ASA 8.0 static route allow only ICMP traffic

epasqualotto · ‎01-05-2011

Hi all, I have a strage problem with my ASA.

My LAN is 192.168.1.0/24 and my ASA ip is 192.168.1.252, I have added a router with IP 192.168.1.228 that have a network 192.168.10.0/24 inside it.

I want that all my client can reach all client of 192.168.10.0 network.

I have added on my conf:

same-security-traffic permit intra-interface

This is my Inside ACL:

access-list Inside_access_in extended permit ip object-group Internet any
access-list Inside_access_in extended permit object-group Porte_aperte object-group Navigazione_limitata any
access-list Inside_access_in extended permit ip 192.168.1.0 255.255.255.0 192.168.10.0 255.255.255.0
access-list Inside_access_in extended permit ip 192.168.10.0 255.255.255.0 192.168.1.0 255.255.255.0

access-list Inside_access_in extended permit ip any any
access-list Inside_access_in extended deny ip object-group NO_Internet any

I've also added:

static (Inside,Inside) 192.168.10.0 192.168.10.0 netmask 255.255.255.0
static (Inside,Inside) 192.168.1.0 192.168.1.0 netmask 255.255.255.0

And this is the static route:

route Inside 192.168.10.0 255.255.255.0 192.168.1.228 1

I can ping all client on 192.168.10.0 networks but I can't connect to it with any port.

In attach all my conf

Kureli Sankar · ‎01-05-2011

Is this absolutely necessary that you have to resolve this using U-Turn translation?

topology:

192.168.10.0/24---Router---192.168.1.0/24---ASA--Internet

All the hosts in both the networks 192.168.1.0/24 and 192.168.10.0/24 network should point to the router's respective interface for their GW.

The router should point to the ASA for its default route.

The route that you have on the ASA is correct.

If you want to fix this the way it is then you need to add two routes on your inside router so, it sends the response destined to the 192.168.1.0/24 back to the firewall.

On the router:

ip route 192.168.1.0 255.255.255.128 192.168.1.252

ip route 192.168.1.128 255.255.255.128 192.168.1.252

-KS

epasqualotto · ‎01-05-2011

thanks Sankar, all the client have the correct gateway and I've added this route to my router:

ip route 192.168.1.0 255.255.255.0 192.168.1.252

But I think isn't necessary.

What I see on the log file is:

Deny TCP (no connection) from 192.168.1.189/2729 to 192.168.10.253/80 flags RST on interface Inside

Kureli Sankar · ‎01-05-2011

You mean the clients are pointing to their GW as the router?
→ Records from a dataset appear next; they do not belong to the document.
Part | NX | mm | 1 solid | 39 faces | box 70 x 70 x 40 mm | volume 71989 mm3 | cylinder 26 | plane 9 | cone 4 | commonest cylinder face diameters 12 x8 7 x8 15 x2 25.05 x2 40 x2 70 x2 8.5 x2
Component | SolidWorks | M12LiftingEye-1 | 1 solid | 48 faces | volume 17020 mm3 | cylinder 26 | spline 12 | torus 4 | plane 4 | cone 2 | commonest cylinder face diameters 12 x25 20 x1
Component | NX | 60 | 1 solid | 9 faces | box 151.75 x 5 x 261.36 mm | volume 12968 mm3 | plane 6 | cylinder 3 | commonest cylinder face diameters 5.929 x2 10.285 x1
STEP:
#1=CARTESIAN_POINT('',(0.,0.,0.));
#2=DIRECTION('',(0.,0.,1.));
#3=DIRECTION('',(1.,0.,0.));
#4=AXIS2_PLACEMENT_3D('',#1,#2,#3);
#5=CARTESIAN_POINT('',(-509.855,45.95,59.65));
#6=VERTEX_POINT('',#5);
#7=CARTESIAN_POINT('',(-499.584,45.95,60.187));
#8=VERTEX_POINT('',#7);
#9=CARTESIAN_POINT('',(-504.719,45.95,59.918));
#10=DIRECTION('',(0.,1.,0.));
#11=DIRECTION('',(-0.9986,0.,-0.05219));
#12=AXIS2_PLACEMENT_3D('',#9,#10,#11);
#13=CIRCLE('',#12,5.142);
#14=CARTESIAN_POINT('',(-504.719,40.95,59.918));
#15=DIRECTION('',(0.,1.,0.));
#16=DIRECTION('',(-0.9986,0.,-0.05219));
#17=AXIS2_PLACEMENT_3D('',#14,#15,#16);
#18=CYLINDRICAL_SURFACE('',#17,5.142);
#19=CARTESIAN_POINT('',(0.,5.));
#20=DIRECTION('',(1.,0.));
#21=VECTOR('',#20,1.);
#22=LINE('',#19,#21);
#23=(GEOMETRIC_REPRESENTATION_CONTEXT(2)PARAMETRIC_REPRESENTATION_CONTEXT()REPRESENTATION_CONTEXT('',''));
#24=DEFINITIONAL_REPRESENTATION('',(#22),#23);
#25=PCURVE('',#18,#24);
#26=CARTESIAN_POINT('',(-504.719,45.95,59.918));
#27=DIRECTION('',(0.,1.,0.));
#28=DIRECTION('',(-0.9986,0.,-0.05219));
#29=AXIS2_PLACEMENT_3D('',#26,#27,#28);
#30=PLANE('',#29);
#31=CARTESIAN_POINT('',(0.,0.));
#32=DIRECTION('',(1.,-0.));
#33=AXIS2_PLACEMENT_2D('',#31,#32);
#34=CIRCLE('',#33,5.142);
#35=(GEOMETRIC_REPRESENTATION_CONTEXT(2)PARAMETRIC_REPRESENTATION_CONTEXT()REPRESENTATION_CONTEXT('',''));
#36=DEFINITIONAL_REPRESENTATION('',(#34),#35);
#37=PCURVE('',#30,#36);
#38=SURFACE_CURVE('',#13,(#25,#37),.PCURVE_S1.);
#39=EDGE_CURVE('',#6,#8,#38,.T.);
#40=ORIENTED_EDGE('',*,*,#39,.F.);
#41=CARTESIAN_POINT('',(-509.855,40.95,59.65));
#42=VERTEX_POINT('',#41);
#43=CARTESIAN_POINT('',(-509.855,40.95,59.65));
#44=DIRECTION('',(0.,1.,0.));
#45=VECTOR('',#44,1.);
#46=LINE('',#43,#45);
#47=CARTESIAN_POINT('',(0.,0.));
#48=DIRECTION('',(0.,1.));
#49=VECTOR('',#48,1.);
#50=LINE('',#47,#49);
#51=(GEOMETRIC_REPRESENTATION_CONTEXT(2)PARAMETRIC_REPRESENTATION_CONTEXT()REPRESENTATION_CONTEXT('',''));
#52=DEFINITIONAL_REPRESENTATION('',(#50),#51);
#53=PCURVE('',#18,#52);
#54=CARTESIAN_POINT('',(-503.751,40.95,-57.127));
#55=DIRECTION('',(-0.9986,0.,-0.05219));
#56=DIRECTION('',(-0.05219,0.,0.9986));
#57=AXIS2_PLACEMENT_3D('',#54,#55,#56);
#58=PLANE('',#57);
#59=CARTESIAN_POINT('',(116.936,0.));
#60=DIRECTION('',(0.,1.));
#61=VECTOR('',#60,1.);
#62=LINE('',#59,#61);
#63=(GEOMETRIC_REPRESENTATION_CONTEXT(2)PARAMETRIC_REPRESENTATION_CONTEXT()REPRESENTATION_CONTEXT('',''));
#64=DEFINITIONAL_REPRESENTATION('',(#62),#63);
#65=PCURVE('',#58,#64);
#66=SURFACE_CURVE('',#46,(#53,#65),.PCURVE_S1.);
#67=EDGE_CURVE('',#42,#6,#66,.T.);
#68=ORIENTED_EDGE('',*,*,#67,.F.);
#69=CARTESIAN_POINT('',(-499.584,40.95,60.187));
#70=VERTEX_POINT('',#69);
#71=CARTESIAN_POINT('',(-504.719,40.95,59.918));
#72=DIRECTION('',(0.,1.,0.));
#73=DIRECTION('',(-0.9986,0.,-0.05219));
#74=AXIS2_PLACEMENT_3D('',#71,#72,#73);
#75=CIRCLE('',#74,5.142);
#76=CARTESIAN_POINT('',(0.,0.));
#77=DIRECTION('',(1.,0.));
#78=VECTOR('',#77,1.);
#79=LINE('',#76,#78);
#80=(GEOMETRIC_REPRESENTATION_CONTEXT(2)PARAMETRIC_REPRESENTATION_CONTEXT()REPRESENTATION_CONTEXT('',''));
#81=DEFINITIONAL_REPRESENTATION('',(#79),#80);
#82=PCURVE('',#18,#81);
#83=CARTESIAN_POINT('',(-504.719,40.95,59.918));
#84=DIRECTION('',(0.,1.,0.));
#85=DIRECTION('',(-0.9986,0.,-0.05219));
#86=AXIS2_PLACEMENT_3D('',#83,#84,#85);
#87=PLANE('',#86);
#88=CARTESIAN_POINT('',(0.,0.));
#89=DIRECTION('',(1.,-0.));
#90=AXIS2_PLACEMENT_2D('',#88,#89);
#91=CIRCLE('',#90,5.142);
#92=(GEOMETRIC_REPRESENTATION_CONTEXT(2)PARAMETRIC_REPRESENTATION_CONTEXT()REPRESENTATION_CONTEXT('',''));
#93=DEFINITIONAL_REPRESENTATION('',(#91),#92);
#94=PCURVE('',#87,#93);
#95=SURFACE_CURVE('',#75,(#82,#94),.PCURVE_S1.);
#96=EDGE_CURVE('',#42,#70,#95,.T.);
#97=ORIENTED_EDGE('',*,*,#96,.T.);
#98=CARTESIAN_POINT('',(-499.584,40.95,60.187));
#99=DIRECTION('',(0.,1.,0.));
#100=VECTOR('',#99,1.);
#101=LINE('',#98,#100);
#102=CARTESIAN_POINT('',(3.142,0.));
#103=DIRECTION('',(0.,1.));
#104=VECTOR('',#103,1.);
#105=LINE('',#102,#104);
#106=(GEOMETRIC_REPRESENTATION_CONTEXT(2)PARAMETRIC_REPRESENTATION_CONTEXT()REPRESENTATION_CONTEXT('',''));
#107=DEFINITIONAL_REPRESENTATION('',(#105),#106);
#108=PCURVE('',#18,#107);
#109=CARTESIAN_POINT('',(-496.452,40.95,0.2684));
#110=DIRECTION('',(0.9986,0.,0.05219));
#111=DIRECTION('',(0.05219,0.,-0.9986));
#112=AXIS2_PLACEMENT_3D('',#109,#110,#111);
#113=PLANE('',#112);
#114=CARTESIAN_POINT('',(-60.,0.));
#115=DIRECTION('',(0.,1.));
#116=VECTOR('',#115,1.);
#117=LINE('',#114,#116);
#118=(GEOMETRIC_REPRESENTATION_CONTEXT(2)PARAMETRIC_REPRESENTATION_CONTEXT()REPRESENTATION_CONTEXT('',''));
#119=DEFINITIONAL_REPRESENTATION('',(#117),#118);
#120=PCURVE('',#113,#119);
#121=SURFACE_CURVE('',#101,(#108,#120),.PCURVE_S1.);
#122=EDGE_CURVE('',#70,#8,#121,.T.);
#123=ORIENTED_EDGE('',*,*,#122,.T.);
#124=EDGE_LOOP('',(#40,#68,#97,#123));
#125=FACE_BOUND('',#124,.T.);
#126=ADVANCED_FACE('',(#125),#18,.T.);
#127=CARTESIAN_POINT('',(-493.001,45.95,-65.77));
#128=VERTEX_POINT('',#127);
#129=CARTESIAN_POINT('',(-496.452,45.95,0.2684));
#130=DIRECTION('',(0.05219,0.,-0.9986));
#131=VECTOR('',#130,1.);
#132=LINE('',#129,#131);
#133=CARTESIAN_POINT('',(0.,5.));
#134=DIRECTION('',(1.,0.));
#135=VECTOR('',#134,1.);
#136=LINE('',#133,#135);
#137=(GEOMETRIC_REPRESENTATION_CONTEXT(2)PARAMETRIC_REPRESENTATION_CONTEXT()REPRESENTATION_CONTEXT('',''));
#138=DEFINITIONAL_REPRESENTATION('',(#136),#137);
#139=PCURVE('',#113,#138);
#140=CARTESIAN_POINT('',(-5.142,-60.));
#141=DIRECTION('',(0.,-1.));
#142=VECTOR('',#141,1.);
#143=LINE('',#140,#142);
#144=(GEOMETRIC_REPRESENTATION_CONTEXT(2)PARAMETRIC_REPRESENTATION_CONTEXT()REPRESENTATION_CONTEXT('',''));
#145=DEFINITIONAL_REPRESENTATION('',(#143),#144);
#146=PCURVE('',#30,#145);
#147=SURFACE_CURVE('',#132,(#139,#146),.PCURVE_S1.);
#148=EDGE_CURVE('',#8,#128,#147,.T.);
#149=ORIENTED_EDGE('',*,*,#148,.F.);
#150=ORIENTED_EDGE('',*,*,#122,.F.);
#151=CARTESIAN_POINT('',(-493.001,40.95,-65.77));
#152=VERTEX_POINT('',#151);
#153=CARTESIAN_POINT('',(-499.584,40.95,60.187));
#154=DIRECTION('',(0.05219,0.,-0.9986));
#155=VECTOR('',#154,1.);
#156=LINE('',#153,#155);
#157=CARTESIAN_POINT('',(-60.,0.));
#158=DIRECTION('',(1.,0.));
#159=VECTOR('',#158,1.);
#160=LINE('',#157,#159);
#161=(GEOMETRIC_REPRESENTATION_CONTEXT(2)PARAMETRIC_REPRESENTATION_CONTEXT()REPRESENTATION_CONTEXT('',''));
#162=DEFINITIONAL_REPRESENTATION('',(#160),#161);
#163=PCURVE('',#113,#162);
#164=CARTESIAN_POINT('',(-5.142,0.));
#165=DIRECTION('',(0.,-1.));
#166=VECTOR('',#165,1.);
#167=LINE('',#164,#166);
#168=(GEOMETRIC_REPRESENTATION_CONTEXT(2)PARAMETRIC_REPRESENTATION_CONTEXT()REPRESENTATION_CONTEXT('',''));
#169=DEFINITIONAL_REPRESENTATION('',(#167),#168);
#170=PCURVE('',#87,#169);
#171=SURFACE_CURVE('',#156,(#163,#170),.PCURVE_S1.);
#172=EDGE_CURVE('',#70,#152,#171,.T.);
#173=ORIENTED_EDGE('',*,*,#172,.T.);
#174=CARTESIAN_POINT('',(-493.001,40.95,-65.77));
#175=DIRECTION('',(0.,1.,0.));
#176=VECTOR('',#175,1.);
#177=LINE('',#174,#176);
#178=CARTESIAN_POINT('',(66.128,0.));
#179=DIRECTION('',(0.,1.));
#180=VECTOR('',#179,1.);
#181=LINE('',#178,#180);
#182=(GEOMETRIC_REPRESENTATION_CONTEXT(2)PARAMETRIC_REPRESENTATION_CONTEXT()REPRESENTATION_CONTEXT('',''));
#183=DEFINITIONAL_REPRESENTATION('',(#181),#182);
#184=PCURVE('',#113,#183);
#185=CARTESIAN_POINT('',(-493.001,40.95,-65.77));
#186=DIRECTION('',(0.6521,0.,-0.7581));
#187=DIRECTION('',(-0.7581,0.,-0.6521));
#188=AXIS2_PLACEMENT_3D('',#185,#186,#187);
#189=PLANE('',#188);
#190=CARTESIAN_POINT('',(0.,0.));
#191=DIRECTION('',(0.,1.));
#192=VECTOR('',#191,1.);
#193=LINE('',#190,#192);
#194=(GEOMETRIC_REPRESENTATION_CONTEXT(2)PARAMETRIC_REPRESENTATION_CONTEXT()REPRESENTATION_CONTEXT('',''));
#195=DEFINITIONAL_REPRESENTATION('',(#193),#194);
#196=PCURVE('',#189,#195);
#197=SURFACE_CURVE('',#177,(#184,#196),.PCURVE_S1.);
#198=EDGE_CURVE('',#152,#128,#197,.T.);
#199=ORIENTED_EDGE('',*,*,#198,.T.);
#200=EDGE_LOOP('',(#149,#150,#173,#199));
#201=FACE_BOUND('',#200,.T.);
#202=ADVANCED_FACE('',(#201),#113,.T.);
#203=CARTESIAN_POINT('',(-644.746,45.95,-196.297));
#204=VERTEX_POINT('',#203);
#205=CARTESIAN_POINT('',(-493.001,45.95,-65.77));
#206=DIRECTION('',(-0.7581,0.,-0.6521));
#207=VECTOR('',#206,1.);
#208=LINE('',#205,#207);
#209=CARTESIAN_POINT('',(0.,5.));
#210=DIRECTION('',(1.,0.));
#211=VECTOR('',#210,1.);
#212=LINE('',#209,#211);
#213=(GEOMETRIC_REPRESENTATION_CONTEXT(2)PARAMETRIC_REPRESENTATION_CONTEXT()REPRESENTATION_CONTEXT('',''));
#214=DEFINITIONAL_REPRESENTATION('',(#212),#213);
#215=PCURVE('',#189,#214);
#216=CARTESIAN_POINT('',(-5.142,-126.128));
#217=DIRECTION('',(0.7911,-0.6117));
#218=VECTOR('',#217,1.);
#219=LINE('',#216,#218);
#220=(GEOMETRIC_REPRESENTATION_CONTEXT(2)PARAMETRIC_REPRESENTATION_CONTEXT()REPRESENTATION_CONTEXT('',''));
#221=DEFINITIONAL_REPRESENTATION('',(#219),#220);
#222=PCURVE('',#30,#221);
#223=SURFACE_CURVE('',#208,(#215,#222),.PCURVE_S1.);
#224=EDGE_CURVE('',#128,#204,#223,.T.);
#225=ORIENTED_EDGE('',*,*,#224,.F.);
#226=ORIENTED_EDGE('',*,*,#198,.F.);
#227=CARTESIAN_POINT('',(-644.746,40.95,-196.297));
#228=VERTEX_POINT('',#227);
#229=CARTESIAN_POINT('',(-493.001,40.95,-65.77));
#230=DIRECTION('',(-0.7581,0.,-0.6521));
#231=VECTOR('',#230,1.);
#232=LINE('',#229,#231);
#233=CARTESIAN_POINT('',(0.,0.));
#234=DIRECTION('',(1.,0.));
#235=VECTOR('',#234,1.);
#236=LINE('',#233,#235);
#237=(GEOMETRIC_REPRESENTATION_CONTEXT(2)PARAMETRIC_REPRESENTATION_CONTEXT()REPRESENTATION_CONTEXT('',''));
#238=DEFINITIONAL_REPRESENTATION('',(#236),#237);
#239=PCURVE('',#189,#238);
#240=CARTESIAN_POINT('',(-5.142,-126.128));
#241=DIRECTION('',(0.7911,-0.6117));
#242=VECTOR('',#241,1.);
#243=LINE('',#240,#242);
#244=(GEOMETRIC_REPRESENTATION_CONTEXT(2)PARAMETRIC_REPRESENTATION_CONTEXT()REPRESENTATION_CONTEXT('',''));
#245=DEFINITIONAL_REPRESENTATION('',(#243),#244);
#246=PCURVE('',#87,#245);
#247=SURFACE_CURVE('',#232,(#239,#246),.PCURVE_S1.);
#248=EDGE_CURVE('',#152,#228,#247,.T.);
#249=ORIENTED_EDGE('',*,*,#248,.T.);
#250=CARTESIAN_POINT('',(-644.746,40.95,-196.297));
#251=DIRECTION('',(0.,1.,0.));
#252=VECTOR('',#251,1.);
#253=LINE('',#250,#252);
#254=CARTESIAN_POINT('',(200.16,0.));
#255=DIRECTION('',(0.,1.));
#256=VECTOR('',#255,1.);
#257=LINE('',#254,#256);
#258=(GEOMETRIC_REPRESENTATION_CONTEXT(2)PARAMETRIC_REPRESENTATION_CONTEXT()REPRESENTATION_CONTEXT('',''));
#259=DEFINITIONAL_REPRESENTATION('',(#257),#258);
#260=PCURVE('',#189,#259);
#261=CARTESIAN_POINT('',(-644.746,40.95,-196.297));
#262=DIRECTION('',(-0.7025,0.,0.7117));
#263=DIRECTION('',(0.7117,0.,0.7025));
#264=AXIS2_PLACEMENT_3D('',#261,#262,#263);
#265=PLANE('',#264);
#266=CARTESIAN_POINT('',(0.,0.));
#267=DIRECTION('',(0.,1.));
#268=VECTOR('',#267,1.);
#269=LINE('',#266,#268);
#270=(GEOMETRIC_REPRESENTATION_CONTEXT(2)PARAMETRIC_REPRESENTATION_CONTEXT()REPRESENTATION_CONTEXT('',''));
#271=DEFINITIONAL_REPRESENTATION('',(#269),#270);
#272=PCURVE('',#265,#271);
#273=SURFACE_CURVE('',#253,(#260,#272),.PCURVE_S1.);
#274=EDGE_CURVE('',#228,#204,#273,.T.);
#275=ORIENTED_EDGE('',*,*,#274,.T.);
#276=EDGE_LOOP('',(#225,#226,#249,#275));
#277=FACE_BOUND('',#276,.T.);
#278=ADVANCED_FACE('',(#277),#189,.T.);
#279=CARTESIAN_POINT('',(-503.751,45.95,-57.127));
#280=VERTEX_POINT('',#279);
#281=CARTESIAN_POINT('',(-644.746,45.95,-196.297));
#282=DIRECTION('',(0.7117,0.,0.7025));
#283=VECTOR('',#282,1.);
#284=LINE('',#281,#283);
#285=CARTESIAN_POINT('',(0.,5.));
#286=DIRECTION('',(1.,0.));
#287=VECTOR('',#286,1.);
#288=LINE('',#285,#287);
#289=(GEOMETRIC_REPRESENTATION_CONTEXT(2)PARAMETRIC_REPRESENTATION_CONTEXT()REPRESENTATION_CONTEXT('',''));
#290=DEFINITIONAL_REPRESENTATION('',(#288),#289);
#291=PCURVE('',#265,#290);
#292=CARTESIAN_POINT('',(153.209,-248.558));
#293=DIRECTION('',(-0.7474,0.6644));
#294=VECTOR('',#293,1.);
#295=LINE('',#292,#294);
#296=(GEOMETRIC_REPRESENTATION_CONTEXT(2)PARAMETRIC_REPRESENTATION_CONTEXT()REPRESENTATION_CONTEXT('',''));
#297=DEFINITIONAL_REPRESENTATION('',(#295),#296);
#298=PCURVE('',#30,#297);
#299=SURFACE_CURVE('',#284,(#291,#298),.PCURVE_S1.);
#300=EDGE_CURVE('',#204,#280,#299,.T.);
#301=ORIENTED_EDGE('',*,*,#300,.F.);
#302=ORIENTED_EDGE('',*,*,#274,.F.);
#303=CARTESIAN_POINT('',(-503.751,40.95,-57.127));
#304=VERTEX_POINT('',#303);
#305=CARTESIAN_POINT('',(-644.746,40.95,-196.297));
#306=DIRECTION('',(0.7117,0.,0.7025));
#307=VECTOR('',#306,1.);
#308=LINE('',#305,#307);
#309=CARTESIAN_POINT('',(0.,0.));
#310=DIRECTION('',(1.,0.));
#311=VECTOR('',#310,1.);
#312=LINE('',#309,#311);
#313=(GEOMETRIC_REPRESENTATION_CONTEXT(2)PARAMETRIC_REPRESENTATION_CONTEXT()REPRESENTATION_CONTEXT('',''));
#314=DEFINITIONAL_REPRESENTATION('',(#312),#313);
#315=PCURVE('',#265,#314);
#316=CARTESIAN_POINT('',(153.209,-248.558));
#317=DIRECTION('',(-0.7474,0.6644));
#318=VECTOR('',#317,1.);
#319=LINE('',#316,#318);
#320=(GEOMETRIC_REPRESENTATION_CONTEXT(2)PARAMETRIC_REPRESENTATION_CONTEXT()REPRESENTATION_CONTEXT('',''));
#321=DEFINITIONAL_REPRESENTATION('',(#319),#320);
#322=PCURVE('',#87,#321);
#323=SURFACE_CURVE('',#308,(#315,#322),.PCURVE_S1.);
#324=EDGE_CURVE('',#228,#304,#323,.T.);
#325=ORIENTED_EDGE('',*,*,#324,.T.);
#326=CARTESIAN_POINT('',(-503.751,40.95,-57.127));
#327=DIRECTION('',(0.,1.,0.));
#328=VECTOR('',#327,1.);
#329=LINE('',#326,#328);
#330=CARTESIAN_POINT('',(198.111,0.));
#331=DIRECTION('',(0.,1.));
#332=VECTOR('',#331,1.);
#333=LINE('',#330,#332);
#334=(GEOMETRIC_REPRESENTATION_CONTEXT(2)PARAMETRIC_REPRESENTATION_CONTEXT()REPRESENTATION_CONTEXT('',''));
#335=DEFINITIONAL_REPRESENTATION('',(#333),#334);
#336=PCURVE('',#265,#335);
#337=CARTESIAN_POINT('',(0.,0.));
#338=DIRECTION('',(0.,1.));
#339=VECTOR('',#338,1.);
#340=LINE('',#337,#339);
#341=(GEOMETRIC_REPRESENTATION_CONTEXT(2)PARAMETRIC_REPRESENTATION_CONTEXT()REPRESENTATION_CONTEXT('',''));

If so you do not need this route on the router.

Pls. remove it and add the default gw.

conf t

no ip route 192.168.1.0 255.255.255.0 192.168.1.252 ---> remove

ip route 0.0.0.0 0.0.0.0 192.168.1.252 ---> add

-KS

epasqualotto · ‎01-05-2011

Yes, I already have this default route. But nothing is working....

Kureli Sankar · ‎01-05-2011

Hmm..that is interesting. Now, at one point you had static (inside,inside) added so remove all those U-Turn statics that you added, issue a "clear xlate" (this will clear all translations going through the firewall so be warned) and try this again.

If you have the following configured.

1. All hosts in 192.168.1.0/24 should point to the router's IP address 192.168.1.x for their GW

2. All hosts in the 192.168.10.0/24 should also point to the router's IP address 192.168.10.x for their GW

3. Router should point to the ASA for its default route.

4. ASA should have a route for the 192.168.10.0/24 pointing to the router's IP

That is all you need.

If tcp traffic doesn't work then we need to watch the logs or gather captures on the ASA or on the host and see what might be going on.

-KS

artur.vardanyan · ‎02-16-2015

Hi,

I have the same issue with my Cisco ASA, after the static route is configured, I can ping the remote network devices and nothing else. For example I can ping IP phone or IP cam but can't browse or connect with telnet.

Did you find any solution for this ?

Will appreciate your help, thank you.